As one of the key elements that have fostered this renewed interest in revolutionary songs, Hofman singles out the devastating consequences of introducing neoliberalism in post-Yugoslav societies — particularly in the sense of diminishing social rights — and the current global crisis of neoliberalism. “The political elites in these countries have been trying hard to get rid of their socialist past and get into ‘capitalist society’. But such capitalist utopia has failed them, the capitalist dream has crumbled. This led to a new perspective, a new way of seeing their socialist past.”

‘We believe that music and activism can make this world a better place’

Thus, partisan and revolutionary songs have grown into a metaphor. Praksa, a choir from Pula, a town in western Croatia, is well known for its anti-capitalist songs. Edna Jurcan, the founder of the choir, had the idea of forming a choir following a strike by workers at Arena Trikotaza, a garment manufacturer. For the occasion, she decided to sing Sebben che siamo donne, an Italian song from the 19th century, a symbol of the revolt of agricultural workers against their bosses. The choir’s repertoire includes international revolutionary evergreens such as the socialist anthem The Internationale, the Italian civil war-era partisan song Bella Ciao, or No Pasaran!, a Spanish civil war song, but also of partisan songs from all parts of the former Yugoslavia.

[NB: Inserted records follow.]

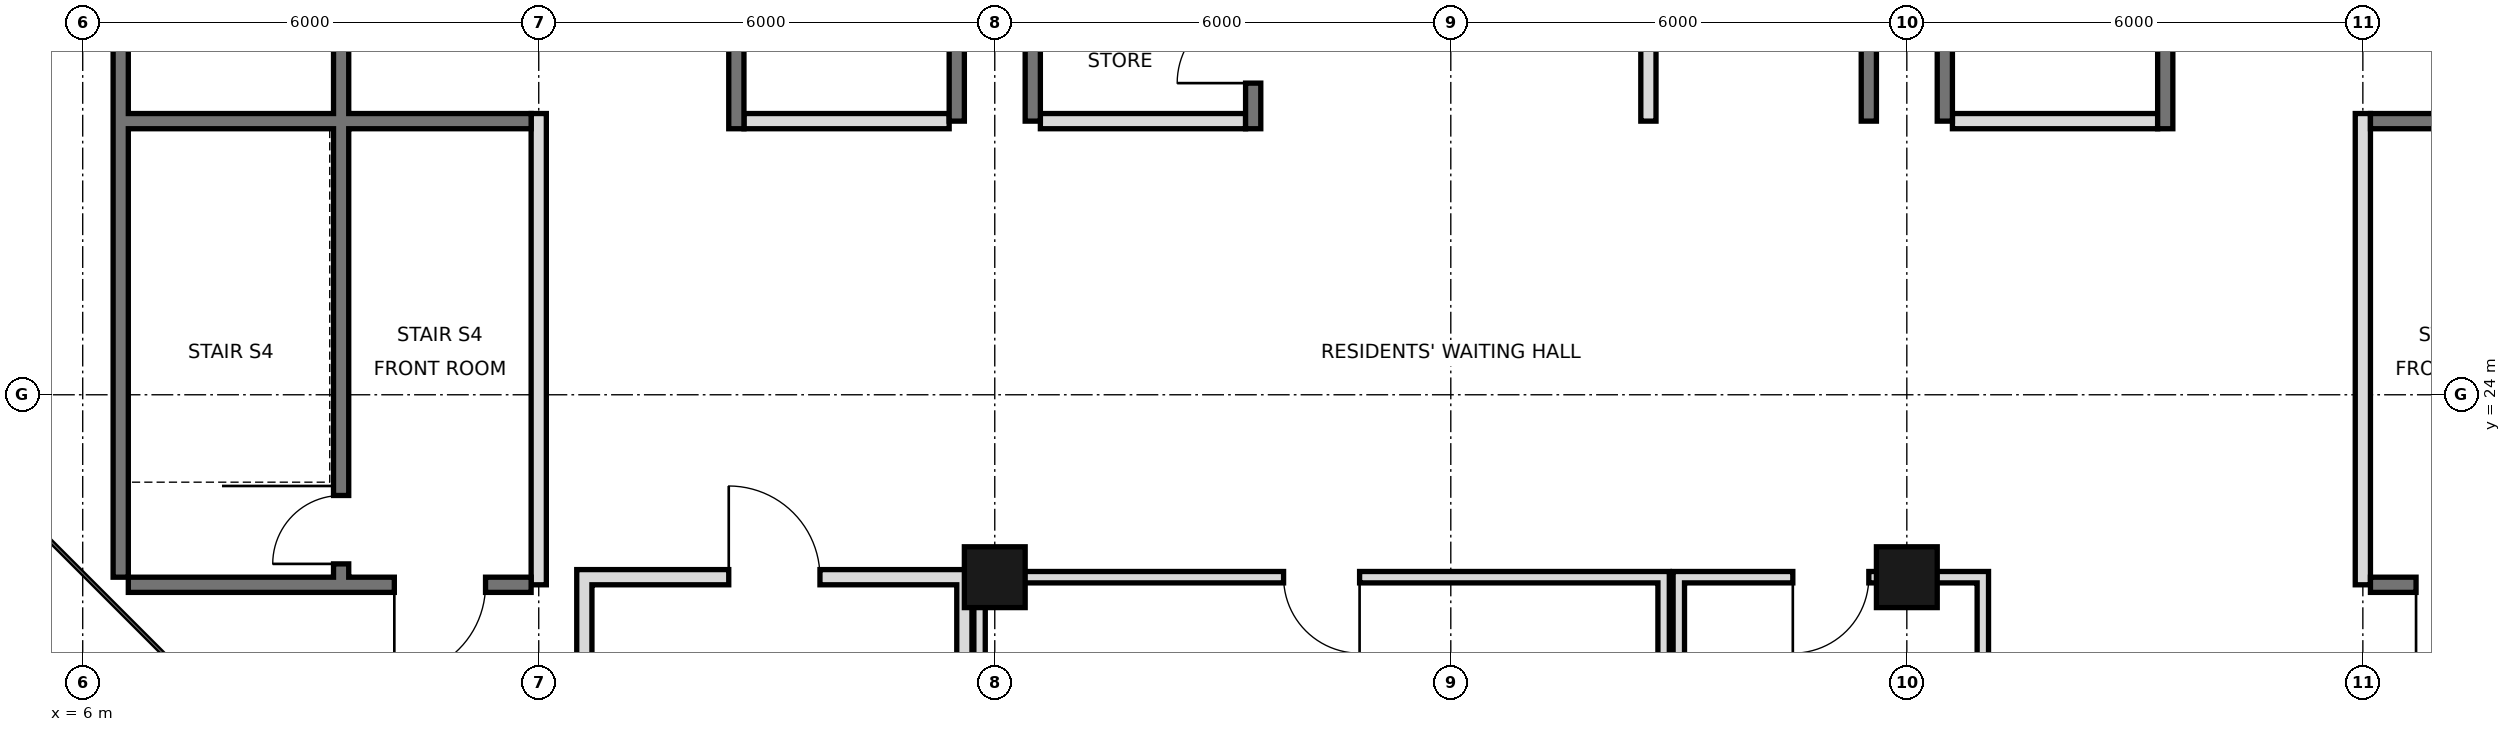
"""IFC4 building model, lengths in metres.
Left out: names, types, materials, properties, quantities, classifications, styles, units other than length and angle.
Written with IfcOpenShell. Run it as: python <this file> out.ifc"""

import sys

from ifc_helpers import new_model, si_unit, direction, frame, frame_2d, origin, origin_2d, place, context, subcontext, project, spatial, rectangle, hollow_rectangle, extrude, element, fill, save


model = new_model("IFC4")
c1 = context("Model", 3, precision=1e-05, world=origin(), true_north=direction((0.0, 1.0)))
c2 = subcontext(c1, "Body", "Model", "MODEL_VIEW")
j1 = project(units=[si_unit("LENGTHUNIT", "METRE"), si_unit("PLANEANGLEUNIT", "RADIAN")], contexts=[c1])
p1 = place(None, origin())
s1 = spatial("IfcSite", under=j1, at=p1, CompositionType="ELEMENT")
p2 = place(p1, origin())
s2 = spatial("IfcBuilding", under=s1, at=p2, CompositionType="ELEMENT")
p3 = place(p2, frame((0.0, 0.0, 353.8)))
s3 = spatial("IfcBuildingStorey", under=s2, at=p3, CompositionType="ELEMENT", Elevation=353.8)
for number, where, z_axis, x_axis in (
    (1, (18.0, 21.6, 0.0), (0.0, 0.0, 1.0), (1.0, 0.0, 0.0)),
    (2, (30.0, 21.6, 0.0), (0.0, 0.0, 1.0), (1.0, 0.0, 0.0)),
):
    element("IfcColumn", number, at=place(p3, frame(where, z_axis=z_axis, x_axis=x_axis)), inside=s3, PredefinedType="COLUMN", context=c2, shape_type="SweptSolid", body=[
        extrude(hollow_rectangle(XDim=0.8, YDim=0.8, WallThickness=0.025, at=origin_2d()), origin(), (0.0, 0.0, 1.0), 3.75),
    ])
for number, where, z_axis, x_axis in (
    (3, (12.6, 17.5, 0.0), (0.0, 0.0, 1.0), (0.0, 1.0, 0.0)),
    (4, (17.6, 17.5, 0.0), (0.0, 0.0, 1.0), (0.0, 1.0, 0.0)),
):
    element("IfcWall", number, at=place(p3, frame(where, z_axis=z_axis, x_axis=x_axis)), inside=s3, PredefinedType="SOLIDWALL", context=c2, shape_type="SweptSolid", body=[
        extrude(rectangle(XDim=4.2, YDim=0.2, at=frame_2d((2.1, 0.0))), origin(), (0.0, 0.0, 1.0), 3.75),
    ])
p4 = place(p3, frame((17.8, 17.525, 0.0), z_axis=(0.0, 0.0, 1.0), x_axis=(0.0, 1.0, 0.0)))
e5 = element("IfcWall", 5, at=p4, inside=s3, PredefinedType="PARTITIONING", context=c2, shape_type="SweptSolid", body=[
    extrude(rectangle(XDim=4.15, YDim=0.15, at=frame_2d((2.075, 0.0))), origin(), (0.0, 0.0, 1.0), 3.15),
])
for number, where, z_axis, x_axis in (
    (6, (26.8, 17.525, 0.0), (0.0, 0.0, 1.0), (0.0, 1.0, 0.0)),
    (7, (27.0, 17.525, 0.0), (0.0, 0.0, 1.0), (0.0, 1.0, 0.0)),
    (8, (31.0, 17.525, 0.0), (0.0, 0.0, 1.0), (0.0, 1.0, 0.0)),
):
    element("IfcWall", number, at=place(p3, frame(where, z_axis=z_axis, x_axis=x_axis)), inside=s3, PredefinedType="PARTITIONING", context=c2, shape_type="SweptSolid", body=[
        extrude(rectangle(XDim=4.15, YDim=0.15, at=frame_2d((2.075, 0.0))), origin(), (0.0, 0.0, 1.0), 3.75),
    ])
p5 = place(p3, frame((12.7, 21.6, 0.0), z_axis=(0.0, 0.0, 1.0), x_axis=(1.0, 0.0, 0.0)))
e9 = element("IfcWall", 9, at=p5, inside=s3, PredefinedType="SOLIDWALL", context=c2, shape_type="SweptSolid", body=[
    extrude(rectangle(XDim=4.8, YDim=0.2, at=frame_2d((2.4, 0.0))), origin(), (0.0, 0.0, 1.0), 3.75),
])
p6 = place(p5, frame((1.8, 0.0, 0.0)))
e10 = element("IfcOpeningElement", 10, at=p6, cuts=e9, PredefinedType="OPENING", context=c2, shape_type="SweptSolid", body=[
    extrude(rectangle(XDim=1.2, YDim=2.4, at=frame_2d((0.6, 1.2))), frame((0.0, 0.11, 0.0), z_axis=(0.0, -1.0, 0.0), x_axis=(1.0, 0.0, 0.0)), (0.0, 0.0, 1.0), 0.22),
])
p7 = place(p3, frame((17.875, 21.6, 0.0), z_axis=(0.0, 0.0, 1.0), x_axis=(1.0, 0.0, 0.0)))
e11 = element("IfcWall", 11, at=p7, inside=s3, PredefinedType="PARTITIONING", context=c2, shape_type="SweptSolid", body=[
    extrude(rectangle(XDim=8.85, YDim=0.15, at=frame_2d((4.425, 0.0))), origin(), (0.0, 0.0, 1.0), 3.75),
])
p8 = place(p7, frame((3.925, 0.0, 0.0)))
e12 = element("IfcOpeningElement", 12, at=p8, cuts=e11, PredefinedType="OPENING", context=c2, shape_type="SweptSolid", body=[
    extrude(rectangle(XDim=1.0, YDim=2.4, at=frame_2d((0.5, 1.2))), frame((0.0, 0.085, 0.0), z_axis=(0.0, -1.0, 0.0), x_axis=(1.0, 0.0, 0.0)), (0.0, 0.0, 1.0), 0.17),
])
p9 = place(p3, frame((27.075, 21.6, 0.0), z_axis=(0.0, 0.0, 1.0), x_axis=(1.0, 0.0, 0.0)))
e13 = element("IfcWall", 13, at=p9, inside=s3, PredefinedType="PARTITIONING", context=c2, shape_type="SweptSolid", body=[
    extrude(rectangle(XDim=3.85, YDim=0.15, at=frame_2d((1.925, 0.0))), origin(), (0.0, 0.0, 1.0), 3.75),
])
p10 = place(p9, frame((1.425, 0.0, 0.0)))
e14 = element("IfcOpeningElement", 14, at=p10, cuts=e13, PredefinedType="OPENING", context=c2, shape_type="SweptSolid", body=[
    extrude(rectangle(XDim=1.0, YDim=2.4, at=frame_2d((0.5, 1.2))), frame((0.0, 0.085, 0.0), z_axis=(0.0, -1.0, 0.0), x_axis=(1.0, 0.0, 0.0)), (0.0, 0.0, 1.0), 0.17),
])
p11 = place(p3, frame((6.5, 21.6, 0.0), z_axis=(0.0, 0.0, 1.0), x_axis=(0.0, 1.0, 0.0)))
e15 = element("IfcWall", 15, at=p11, inside=s3, PredefinedType="SOLIDWALL", context=c2, shape_type="SweptSolid", body=[
    extrude(rectangle(XDim=23.5, YDim=0.2, at=frame_2d((11.75, 0.0))), origin(), (0.0, 0.0, 1.0), 3.75),
])
for number, where, z_axis, x_axis in (
    (16, (17.5, 27.6, 0.0), (0.0, 0.0, 1.0), (0.0, 1.0, 0.0)),
    (17, (18.5, 27.6, 0.0), (0.0, 0.0, 1.0), (0.0, 1.0, 0.0)),
    (18, (29.5, 27.6, 0.0), (0.0, 0.0, 1.0), (0.0, 1.0, 0.0)),
    (19, (30.5, 27.6, 0.0), (0.0, 0.0, 1.0), (0.0, 1.0, 0.0)),
):
    element("IfcWall", number, at=place(p3, frame(where, z_axis=z_axis, x_axis=x_axis)), inside=s3, PredefinedType="SOLIDWALL", context=c2, shape_type="SweptSolid", body=[
        extrude(rectangle(XDim=17.5, YDim=0.2, at=frame_2d((8.75, 0.0))), origin(), (0.0, 0.0, 1.0), 3.75),
    ])
p12 = place(p3, frame((12.0, 21.5, 0.0), z_axis=(0.0, 0.0, 1.0), x_axis=(0.0, 1.0, 0.0)))
e20 = element("IfcWall", 20, at=p12, inside=s3, PredefinedType="PARTITIONING", context=c2, shape_type="SweptSolid", body=[
    extrude(rectangle(XDim=6.2, YDim=0.2, at=frame_2d((3.1, 0.0))), origin(), (0.0, 0.0, 1.0), 3.75),
])
p13 = place(p3, frame((14.6, 27.5, 0.0), z_axis=(0.0, 0.0, 1.0), x_axis=(0.0, 1.0, 0.0)))
e21 = element("IfcWall", 21, at=p13, inside=s3, PredefinedType="SOLIDWALL", context=c2, shape_type="SweptSolid", body=[
    extrude(rectangle(XDim=17.5, YDim=0.2, at=frame_2d((8.75, 0.0))), origin(), (0.0, 0.0, 1.0), 3.75),
])
p14 = place(p13, frame((15.4, 0.0, 0.0)))
e22 = element("IfcOpeningElement", 22, at=p14, cuts=e21, PredefinedType="OPENING", context=c2, shape_type="SweptSolid", body=[
    extrude(rectangle(XDim=1.1, YDim=2.1, at=frame_2d((0.55, 1.05))), frame((0.0, 0.11, 0.0), z_axis=(0.0, -1.0, 0.0), x_axis=(1.0, 0.0, 0.0)), (0.0, 0.0, 1.0), 0.22),
])
p15 = place(p13, frame((2.7, 0.0, 0.0)))
e23 = element("IfcOpeningElement", 23, at=p15, cuts=e21, PredefinedType="OPENING", context=c2, shape_type="SweptSolid", body=[
    extrude(rectangle(XDim=1.0, YDim=2.1, at=frame_2d((0.5, 1.05))), frame((0.0, 0.11, 0.0), z_axis=(0.0, -1.0, 0.0), x_axis=(1.0, 0.0, 0.0)), (0.0, 0.0, 1.0), 0.22),
])
p16 = place(p3, frame((21.4, 27.5, 0.0), z_axis=(0.0, 0.0, 1.0), x_axis=(0.0, 1.0, 0.0)))
e24 = element("IfcWall", 24, at=p16, inside=s3, PredefinedType="SOLIDWALL", context=c2, shape_type="SweptSolid", body=[
    extrude(rectangle(XDim=17.5, YDim=0.2, at=frame_2d((8.75, 0.0))), origin(), (0.0, 0.0, 1.0), 3.75),
])
p17 = place(p16, frame((0.6, 0.0, 0.0)))
e25 = element("IfcOpeningElement", 25, at=p17, cuts=e24, PredefinedType="OPENING", context=c2, shape_type="SweptSolid", body=[
    extrude(rectangle(XDim=1.0, YDim=2.1, at=frame_2d((0.5, 1.05))), frame((0.0, 0.11, 0.0), z_axis=(0.0, -1.0, 0.0), x_axis=(1.0, 0.0, 0.0)), (0.0, 0.0, 1.0), 0.22),
])
p18 = place(p16, frame((3.7, 0.0, 0.0)))
e26 = element("IfcOpeningElement", 26, at=p18, cuts=e24, PredefinedType="OPENING", context=c2, shape_type="SweptSolid", body=[
    extrude(rectangle(XDim=1.0, YDim=2.1, at=frame_2d((0.5, 1.05))), frame((0.0, 0.11, 0.0), z_axis=(0.0, -1.0, 0.0), x_axis=(1.0, 0.0, 0.0)), (0.0, 0.0, 1.0), 0.22),
])
p19 = place(p16, frame((9.8, 0.0, 0.0)))
e27 = element("IfcOpeningElement", 27, at=p19, cuts=e24, PredefinedType="OPENING", context=c2, shape_type="SweptSolid", body=[
    extrude(rectangle(XDim=1.0, YDim=2.1, at=frame_2d((0.5, 1.05))), frame((0.0, 0.11, 0.0), z_axis=(0.0, -1.0, 0.0), x_axis=(1.0, 0.0, 0.0)), (0.0, 0.0, 1.0), 0.22),
])
p20 = place(p3, frame((26.6, 27.6, 0.0), z_axis=(0.0, 0.0, 1.0), x_axis=(0.0, 1.0, 0.0)))
e28 = element("IfcWall", 28, at=p20, inside=s3, PredefinedType="PARTITIONING", context=c2, shape_type="SweptSolid", body=[
    extrude(rectangle(XDim=17.4, YDim=0.2, at=frame_2d((8.7, 0.0))), origin(), (0.0, 0.0, 1.0), 3.75),
])
p21 = place(p20, frame((10.25, 0.0, 0.0)))
e29 = element("IfcOpeningElement", 29, at=p21, cuts=e28, PredefinedType="OPENING", context=c2, shape_type="SweptSolid", body=[
    extrude(rectangle(XDim=1.0, YDim=2.1, at=frame_2d((0.5, 1.05))), frame((0.0, 0.11, 0.0), z_axis=(0.0, -1.0, 0.0), x_axis=(1.0, 0.0, 0.0)), (0.0, 0.0, 1.0), 0.22),
])
p22 = place(p20, frame((14.475, 0.0, 0.0)))
e30 = element("IfcOpeningElement", 30, at=p22, cuts=e28, PredefinedType="OPENING", context=c2, shape_type="SweptSolid", body=[
    extrude(rectangle(XDim=1.0, YDim=2.1, at=frame_2d((0.5, 1.05))), frame((0.0, 0.11, 0.0), z_axis=(0.0, -1.0, 0.0), x_axis=(1.0, 0.0, 0.0)), (0.0, 0.0, 1.0), 0.22),
])
p23 = place(p3, frame((33.4, 27.5, 0.0), z_axis=(0.0, 0.0, 1.0), x_axis=(0.0, 1.0, 0.0)))
e31 = element("IfcWall", 31, at=p23, inside=s3, PredefinedType="SOLIDWALL", context=c2, shape_type="SweptSolid", body=[
    extrude(rectangle(XDim=17.5, YDim=0.2, at=frame_2d((8.75, 0.0))), origin(), (0.0, 0.0, 1.0), 3.75),
])
p24 = place(p23, frame((15.4, 0.0, 0.0)))
e32 = element("IfcOpeningElement", 32, at=p24, cuts=e31, PredefinedType="OPENING", context=c2, shape_type="SweptSolid", body=[
    extrude(rectangle(XDim=1.1, YDim=2.1, at=frame_2d((0.55, 1.05))), frame((0.0, 0.11, 0.0), z_axis=(0.0, -1.0, 0.0), x_axis=(1.0, 0.0, 0.0)), (0.0, 0.0, 1.0), 0.22),
])
p25 = place(p23, frame((2.7, 0.0, 0.0)))
e33 = element("IfcOpeningElement", 33, at=p25, cuts=e31, PredefinedType="OPENING", context=c2, shape_type="SweptSolid", body=[
    extrude(rectangle(XDim=1.0, YDim=2.1, at=frame_2d((0.5, 1.05))), frame((0.0, 0.11, 0.0), z_axis=(0.0, -1.0, 0.0), x_axis=(1.0, 0.0, 0.0)), (0.0, 0.0, 1.0), 0.22),
])
p26 = place(p3, frame((36.0, 21.5, 0.0), z_axis=(0.0, 0.0, 1.0), x_axis=(0.0, 1.0, 0.0)))
e34 = element("IfcWall", 34, at=p26, inside=s3, PredefinedType="PARTITIONING", context=c2, shape_type="SweptSolid", body=[
    extrude(rectangle(XDim=6.2, YDim=0.2, at=frame_2d((3.1, 0.0))), origin(), (0.0, 0.0, 1.0), 3.75),
])
p27 = place(p3, frame((9.4, 21.5, 0.0), z_axis=(0.0, 0.0, 1.0), x_axis=(0.0, 1.0, 0.0)))
e35 = element("IfcWall", 35, at=p27, inside=s3, PredefinedType="SOLIDWALL", context=c2, shape_type="SweptSolid", body=[
    extrude(rectangle(XDim=23.5, YDim=0.2, at=frame_2d((11.75, 0.0))), origin(), (0.0, 0.0, 1.0), 3.75),
])
p28 = place(p27, frame((8.05, 0.0, 0.0)))
e36 = element("IfcOpeningElement", 36, at=p28, cuts=e35, PredefinedType="OPENING", context=c2, shape_type="SweptSolid", body=[
    extrude(rectangle(XDim=1.0, YDim=2.1, at=frame_2d((0.5, 1.05))), frame((0.0, 0.11, 0.0), z_axis=(0.0, -1.0, 0.0), x_axis=(1.0, 0.0, 0.0)), (0.0, 0.0, 1.0), 0.22),
])
p29 = place(p27, frame((12.7, 0.0, 0.0)))
e37 = element("IfcOpeningElement", 37, at=p29, cuts=e35, PredefinedType="OPENING", context=c2, shape_type="SweptSolid", body=[
    extrude(rectangle(XDim=1.0, YDim=2.1, at=frame_2d((0.5, 1.05))), frame((0.0, 0.11, 0.0), z_axis=(0.0, -1.0, 0.0), x_axis=(1.0, 0.0, 0.0)), (0.0, 0.0, 1.0), 0.22),
])
p30 = place(p27, frame((15.8, 0.0, 0.0)))
e38 = element("IfcOpeningElement", 38, at=p30, cuts=e35, PredefinedType="OPENING", context=c2, shape_type="SweptSolid", body=[
    extrude(rectangle(XDim=1.0, YDim=2.1, at=frame_2d((0.5, 1.05))), frame((0.0, 0.11, 0.0), z_axis=(0.0, -1.0, 0.0), x_axis=(1.0, 0.0, 0.0)), (0.0, 0.0, 1.0), 0.22),
])
p31 = place(p27, frame((0.275, 0.0, 0.0)))
e39 = element("IfcOpeningElement", 39, at=p31, cuts=e35, PredefinedType="OPENING", context=c2, shape_type="SweptSolid", body=[
    extrude(rectangle(XDim=0.9, YDim=2.1, at=frame_2d((0.45, 1.05))), frame((0.0, 0.11, 0.0), z_axis=(0.0, -1.0, 0.0), x_axis=(1.0, 0.0, 0.0)), (0.0, 0.0, 1.0), 0.22),
])
p32 = place(p3, frame((36.1, 21.5, 0.0), z_axis=(0.0, 0.0, 1.0), x_axis=(1.0, 0.0, 0.0)))
e40 = element("IfcWall", 40, at=p32, inside=s3, PredefinedType="SOLIDWALL", context=c2, shape_type="SweptSolid", body=[
    extrude(rectangle(XDim=5.3, YDim=0.2, at=frame_2d((2.65, 0.0))), origin(), (0.0, 0.0, 1.0), 3.75),
])
p33 = place(p32, frame((0.6, 0.0, 0.0)))
e41 = element("IfcOpeningElement", 41, at=p33, cuts=e40, PredefinedType="OPENING", context=c2, shape_type="SweptSolid", body=[
    extrude(rectangle(XDim=1.2, YDim=2.1, at=frame_2d((0.6, 1.05))), frame((0.0, 0.11, 0.0), z_axis=(0.0, -1.0, 0.0), x_axis=(1.0, 0.0, 0.0)), (0.0, 0.0, 1.0), 0.22),
])
p34 = place(p3, frame((6.6, 21.5, 0.0), z_axis=(0.0, 0.0, 1.0), x_axis=(1.0, 0.0, 0.0)))
e42 = element("IfcWall", 42, at=p34, inside=s3, PredefinedType="SOLIDWALL", context=c2, shape_type="SweptSolid", body=[
    extrude(rectangle(XDim=5.3, YDim=0.2, at=frame_2d((2.65, 0.0))), origin(), (0.0, 0.0, 1.0), 3.75),
])
p35 = place(p34, frame((3.5, 0.0, 0.0)))
e43 = element("IfcOpeningElement", 43, at=p35, cuts=e42, PredefinedType="OPENING", context=c2, shape_type="SweptSolid", body=[
    extrude(rectangle(XDim=1.2, YDim=2.1, at=frame_2d((0.6, 1.05))), frame((0.0, 0.11, 0.0), z_axis=(0.0, -1.0, 0.0), x_axis=(1.0, 0.0, 0.0)), (0.0, 0.0, 1.0), 0.22),
])
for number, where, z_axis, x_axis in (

“We all have our say in choosing the songs. I am the one who suggests them to the rest of the choir, and then we discuss it. The songs have to be universal, they should be open for different sorts of interpretation at any moment, any occasion we decide to sing them. I am against any songs glorifying Tito and the Party, any kind of ideology,” insists Jurcan.

Croatian choir Praksa

The attitude of other choirs from the former Yugoslavia is similar. They all avow not wanting to play the card of Yugonostalgia, that sentimental concept whose definition remains vague but encapsulates the feeling of longing for a country that isn’t there any more and memories from that time. Their activism focuses on the present, on current issues. And, in the context of rampant nationalism in almost all former Yugoslav states, the echoes or motives from the partisan songs constitute a powerful tool in political activism. Even more so when sung by the choirs. For Ana Hofman, this collective mobilisation is particularly important when discussing the “re-actualisation” of partisan revolutionary songs within and beyond the post-Yugoslav space.

“The choirs are a form of acting together in a world that emphasises individualism. They are mini-laboratories of self-organisation. Joint bodies, joint voices… produce a stronger vibration that strongly mobilises the audience,” Hofman says. “It produces that specific feeling that sends shivers up your spine because you feel that you are a part of something that moves you. Both singers and the audience often evoke the energy of these songs, the same energy that gets people to cry or to feel a catharsis through a vibration, especially in the moments of joint singing between the choir and the audience.”